Смотрю, и пришельца проняло.
— Я, — говорит, — очень рад, что могу утешить вас в вашем горе. Пускай мне будет объявлено взыскание за нарушение правил поведения на чужой планете, но я сделаю все, чтобы вы приняли участие в охоте на мамонта!
И сделал…
Стою я одетый в плохо выделанную шкуру, в руке у меня вместо верной «тулки» сучковатая дубина, а прямо передо мною — Он. Мамонт. Огромный, размером с автобус, ушами хлопает, изо рта слоновая кость торчит, а глаза!.. Я такой взгляд только раз в жизни видел — когда меня в трамвае контролер без билета поймал.
В общем, как я на вершине скалы очутился, сам не знаю. А Он не уходит, внизу топчется. Урчит что-то, хрюкает, на хоботе подтянуться пытается. И что ему от меня нужно? Помню, в школе рассказывали, что они травоядными были…
Потом отошел он немного, растительность поедать стал, но в мою сторону то и дело поглядывает. А я сижу… Холодно, дождь моросит. Шкура моя набедренная намокла, липкой стала, противной… Недалеко еще одна скала, под ней пещерка узкая, уютная, на нору похожая. Оттуда-то ему меня не достать! Добежать бы, спрятаться… А боязно, вдруг не добегу! Возможности-то у нас с ним равные…
ИЗОБРЕТАТЕЛЬ
— Ну, что же ты, Прохорыч? — глаза председателя смотрели строго, и Сидор Прохорович только тяжело вздохнул в ответ. — Опять за старое взялся? — председатель близоруко поднес к глазам листок бумаги, не торопясь прочитал:
«Поскольку ночью из трубы дома гр. Плужняка ударил столб огня до небес, моя свинья с перепугу передавила всех поросят. Требую возместить ущерб. Дарья Засухина».

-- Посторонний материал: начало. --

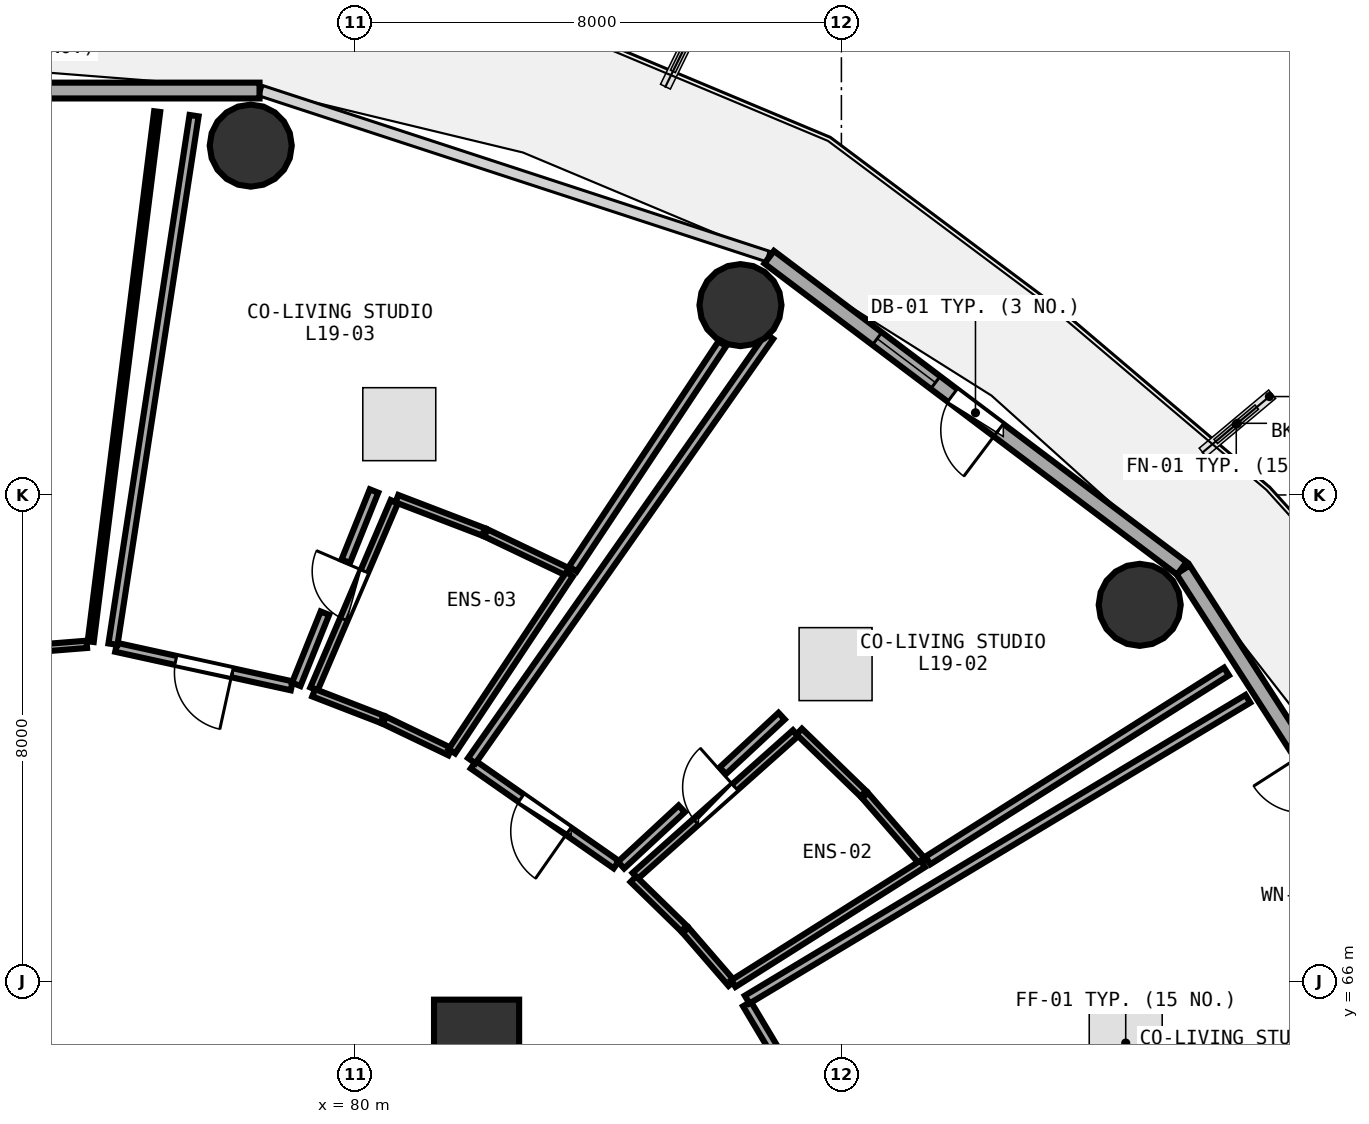
"""IFC4 building model, lengths in metres.
Left out: names, types, materials, properties, quantities, classifications, styles, units other than length and angle.
Written with IfcOpenShell. Run it as: python <this file> out.ifc"""

import sys

from ifc_helpers import new_model, si_unit, direction, frame, frame_2d, origin, origin_2d, place, context, subcontext, project, spatial, rectangle, circle, extrude, element, fill, save


model = new_model("IFC4")
c1 = context("Model", 3, precision=1e-05, world=origin(), true_north=direction((0.0, 1.0)))
c2 = subcontext(c1, "Body", "Model", "MODEL_VIEW")
j1 = project(units=[si_unit("LENGTHUNIT", "METRE"), si_unit("PLANEANGLEUNIT", "RADIAN")], contexts=[c1])
p1 = place(None, origin())
s1 = spatial("IfcSite", under=j1, at=p1, CompositionType="ELEMENT")
p2 = place(p1, origin())
s2 = spatial("IfcBuilding", under=s1, at=p2, CompositionType="ELEMENT")
p3 = place(p2, frame((0.0, 0.0, 76.35)))
s3 = spatial("IfcBuildingStorey", under=s2, at=p3, CompositionType="ELEMENT", Elevation=76.35)
p4 = place(p3, frame((82.0, 65.0, 0.0), z_axis=(0.0, 0.0, 1.0), x_axis=(1.0, 0.0, 0.0)))
e1 = element("IfcColumn", 1, at=p4, inside=s3, PredefinedType="PILASTER", context=c2, shape_type="SweptSolid", body=[
    extrude(rectangle(XDim=1.4, YDim=1.4, at=origin_2d()), origin(), (0.0, 0.0, 1.0), 3.75),
])
for number, where, z_axis, x_axis in (
    (2, (92.906, 72.193, 0.0), (0.0, 0.0, 1.0), (1.0, 0.0, 0.0)),
    (3, (86.34, 77.122, 0.0), (0.0, 0.0, 1.0), (1.0, 0.0, 0.0)),
    (4, (78.286, 79.745, 0.0), (0.0, 0.0, 1.0), (1.0, 0.0, 0.0)),
):
    element("IfcColumn", number, at=place(p3, frame(where, z_axis=z_axis, x_axis=x_axis)), inside=s3, PredefinedType="COLUMN", context=c2, shape_type="SweptSolid", body=[
        extrude(circle(Radius=0.675, at=origin_2d()), origin(), (0.0, 0.0, 1.0), 3.75),
    ])
p5 = place(p3, frame((98.048, 65.879, 0.0), z_axis=(0.0, 0.0, 1.0), x_axis=(-0.540620528459, 0.841266571432, 0.0)))
e5 = element("IfcWall", 5, at=p5, inside=s3, PredefinedType="SOLIDWALL", context=c2, shape_type="SweptSolid", body=[
    extrude(rectangle(XDim=8.193, YDim=0.26, at=frame_2d((4.096, 0.0))), origin(), (0.0, 0.0, 1.0), 3.475),
])
p6 = place(p5, frame((3.621, 0.0, 0.0)))
e6 = element("IfcOpeningElement", 6, at=p6, cuts=e5, PredefinedType="OPENING", context=c2, shape_type="SweptSolid", body=[
    extrude(rectangle(XDim=0.95, YDim=2.1, at=frame_2d((0.475, 1.05))), frame((0.0, 0.14, 0.0), z_axis=(0.0, -1.0, 0.0), x_axis=(1.0, 0.0, 0.0)), (0.0, 0.0, 1.0), 0.28),
])
p7 = place(p5, frame((2.041, 0.0, 0.85)))
e7 = element("IfcOpeningElement", 7, at=p7, cuts=e5, PredefinedType="OPENING", context=c2, shape_type="SweptSolid", body=[
    extrude(rectangle(XDim=1.2, YDim=1.45, at=frame_2d((0.6, 0.725))), frame((0.0, 0.14, 0.0), z_axis=(0.0, -1.0, 0.0), x_axis=(1.0, 0.0, 0.0)), (0.0, 0.0, 1.0), 0.28),
])
p8 = place(p3, frame((93.599, 72.793, 0.0), z_axis=(0.0, 0.0, 1.0), x_axis=(-0.798501507879, 0.601992808857, 0.0)))
e8 = element("IfcWall", 8, at=p8, inside=s3, PredefinedType="SOLIDWALL", context=c2, shape_type="SweptSolid", body=[
    extrude(rectangle(XDim=8.499, YDim=0.26, at=frame_2d((4.25, 0.0))), origin(), (0.0, 0.0, 1.0), 3.475),
])
p9 = place(p8, frame((3.775, 0.0, 0.0)))
e9 = element("IfcOpeningElement", 9, at=p9, cuts=e8, PredefinedType="OPENING", context=c2, shape_type="SweptSolid", body=[
    extrude(rectangle(XDim=0.95, YDim=2.1, at=frame_2d((0.475, 1.05))), frame((0.0, 0.14, 0.0), z_axis=(0.0, -1.0, 0.0), x_axis=(1.0, 0.0, 0.0)), (0.0, 0.0, 1.0), 0.28),
])
p10 = place(p8, frame((5.075, 0.0, 0.85)))
e10 = element("IfcOpeningElement", 10, at=p10, cuts=e8, PredefinedType="OPENING", context=c2, shape_type="SweptSolid", body=[
    extrude(rectangle(XDim=1.2, YDim=1.45, at=frame_2d((0.6, 0.725))), frame((0.0, 0.14, 0.0), z_axis=(0.0, -1.0, 0.0), x_axis=(1.0, 0.0, 0.0)), (0.0, 0.0, 1.0), 0.28),
])
p11 = place(p3, frame((78.43, 80.651, 0.0), z_axis=(0.0, 0.0, 1.0), x_axis=(-1.0, 0.0, 0.0)))
e11 = element("IfcWall", 11, at=p11, inside=s3, PredefinedType="SOLIDWALL", context=c2, shape_type="SweptSolid", body=[
    extrude(rectangle(XDim=8.861, YDim=0.26, at=frame_2d((4.43, 0.0))), origin(), (0.0, 0.0, 1.0), 3.475),
])
p12 = place(p11, frame((3.63, 0.0, 0.85)))
e12 = element("IfcOpeningElement", 12, at=p12, cuts=e11, PredefinedType="OPENING", context=c2, shape_type="SweptSolid", body=[
    extrude(rectangle(XDim=1.6, YDim=1.45, at=frame_2d((0.8, 0.725))), frame((0.0, 0.14, 0.0), z_axis=(0.0, -1.0, 0.0), x_axis=(1.0, 0.0, 0.0)), (0.0, 0.0, 1.0), 0.28),
])
p13 = place(p3, frame((87.856, 63.267, 0.0), z_axis=(0.0, 0.0, 1.0), x_axis=(-0.512288635556, 0.858813340535, 0.0)))
e13 = element("IfcWall", 13, at=p13, inside=s3, PredefinedType="PARTITIONING", context=c2, shape_type="SweptSolid", body=[
    extrude(rectangle(XDim=2.751, YDim=0.15, at=frame_2d((1.375, 0.0))), origin(), (0.0, 0.0, 1.0), 2.925),
])
p14 = place(p13, frame((0.901, 0.0, 0.0)))
e14 = element("IfcOpeningElement", 14, at=p14, cuts=e13, PredefinedType="OPENING", context=c2, shape_type="SweptSolid", body=[
    extrude(rectangle(XDim=0.95, YDim=2.08, at=frame_2d((0.475, 1.04))), frame((0.0, 0.085, 0.0), z_axis=(0.0, -1.0, 0.0), x_axis=(1.0, 0.0, 0.0)), (0.0, 0.0, 1.0), 0.17),
])
p15 = place(p3, frame((84.609, 67.736, 0.0), z_axis=(0.0, 0.0, 1.0), x_axis=(0.746989483068, 0.664835853565, 0.0)))
e15 = element("IfcWall", 15, at=p15, inside=s3, PredefinedType="PLUMBINGWALL", context=c2, shape_type="SweptSolid", body=[
    extrude(rectangle(XDim=3.531, YDim=0.13, at=frame_2d((1.765, 0.0))), origin(), (0.0, 0.0, 1.0), 3.175),
])
p16 = place(p15, frame((1.335, 0.0, 0.0)))
e16 = element("IfcOpeningElement", 16, at=p16, cuts=e15, PredefinedType="OPENING", context=c2, shape_type="SweptSolid", body=[
    extrude(rectangle(XDim=0.86, YDim=2.05, at=frame_2d((0.43, 1.025))), frame((0.0, 0.075, 0.0), z_axis=(0.0, -1.0, 0.0), x_axis=(1.0, 0.0, 0.0)), (0.0, 0.0, 1.0), 0.15),
])
p17 = place(p3, frame((84.298, 67.92, 0.0), z_axis=(0.0, 0.0, 1.0), x_axis=(-0.819775565256, 0.572684924378, 0.0)))
e17 = element("IfcWall", 17, at=p17, inside=s3, PredefinedType="PARTITIONING", context=c2, shape_type="SweptSolid", body=[
    extrude(rectangle(XDim=2.867, YDim=0.15, at=frame_2d((1.434, 0.0))), origin(), (0.0, 0.0, 1.0), 2.925),
])
p18 = place(p17, frame((0.959, 0.0, 0.0)))
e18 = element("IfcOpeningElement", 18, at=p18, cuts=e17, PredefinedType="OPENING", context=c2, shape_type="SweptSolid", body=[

Прохорыч вытер лысину носовым платком и облизал пересохшие губы:
— Виктор Фомич, ей-богу, не нарочно получилось. Плазма через край выплеснулась чуток…
— Плазма?! — председатель утомленно покачал головой. — Когда ты, Прохорыч, остепенишься? Старый ведь уже человек, колхозное стадо тебе доверено… А ты? Кур, икру мечущих, вывел? Вывел. Что тебе ученые ответили? «Использование представленных образцов «птичьей икры» затруднено, в связи с необычайной прочностью скорлупы». А шелкопряд, лебеду поедающий, — чья работа? Твоя! Лебеды теперь по всей округе днем с огнем не найти, а коконы твоих шелкопрядов по сей день никто размотать не может. А воробьи шерстистые зачем тебе понадобились? — Виктор Фомич с негодованием посмотрел на пыльный комок, нахально скачущий по подоконнику. — Над биологией надругался, теперь на физику перешел? Последний раз предупреждаю — прекращай! Займись делом. Электропастуха когда установишь? Ждешь, чтобы стадо посевы потравило?
— Так ведь, Виктор Фомич, — робко подал голос Прохорыч, — устарел он, электропастух-то. Я так думаю, что нам лучше голографическую установку применить.
— Чего, чего, голо… — насторожился председатель.
— Голографию, объемное изображение, то есть, — совсем сник Прохорыч. — Я посчитал, получается, что одна телевизионная установка может проецировать объемное изображение забора вокруг всех полей…
— Все, — выдохнул председатель, — замолчи. Иди, ставь электропастуха. И брось свои штучки, — повысил он голос, — прежде всего голо эту.
Жаркий, летний полдень повис над селом. Виктор Фомич, с утра мотавшийся по полям, устало опустился в кресло и включил телевизор. На голубом экране засуетились маленькие фигурки футболистов, но мысли председателя были далеко от событий, происходивших на футбольном поле. «После обеда нужно будет на третье отделение проскочить», — подумал было он, но тут резко хлопнула калитка, и в окне появилось растерянное лицо бухгалтера Глотикова.
— Прохорыч… посевы… — еле выдохнул он.
Не дослушав бухгалтера, председатель бросился на улицу.
— Потравил, семенную пшеницу потравил, и-зо-бре-та-тель! — билось в голове Виктора Фомича, рванувшего с места машину.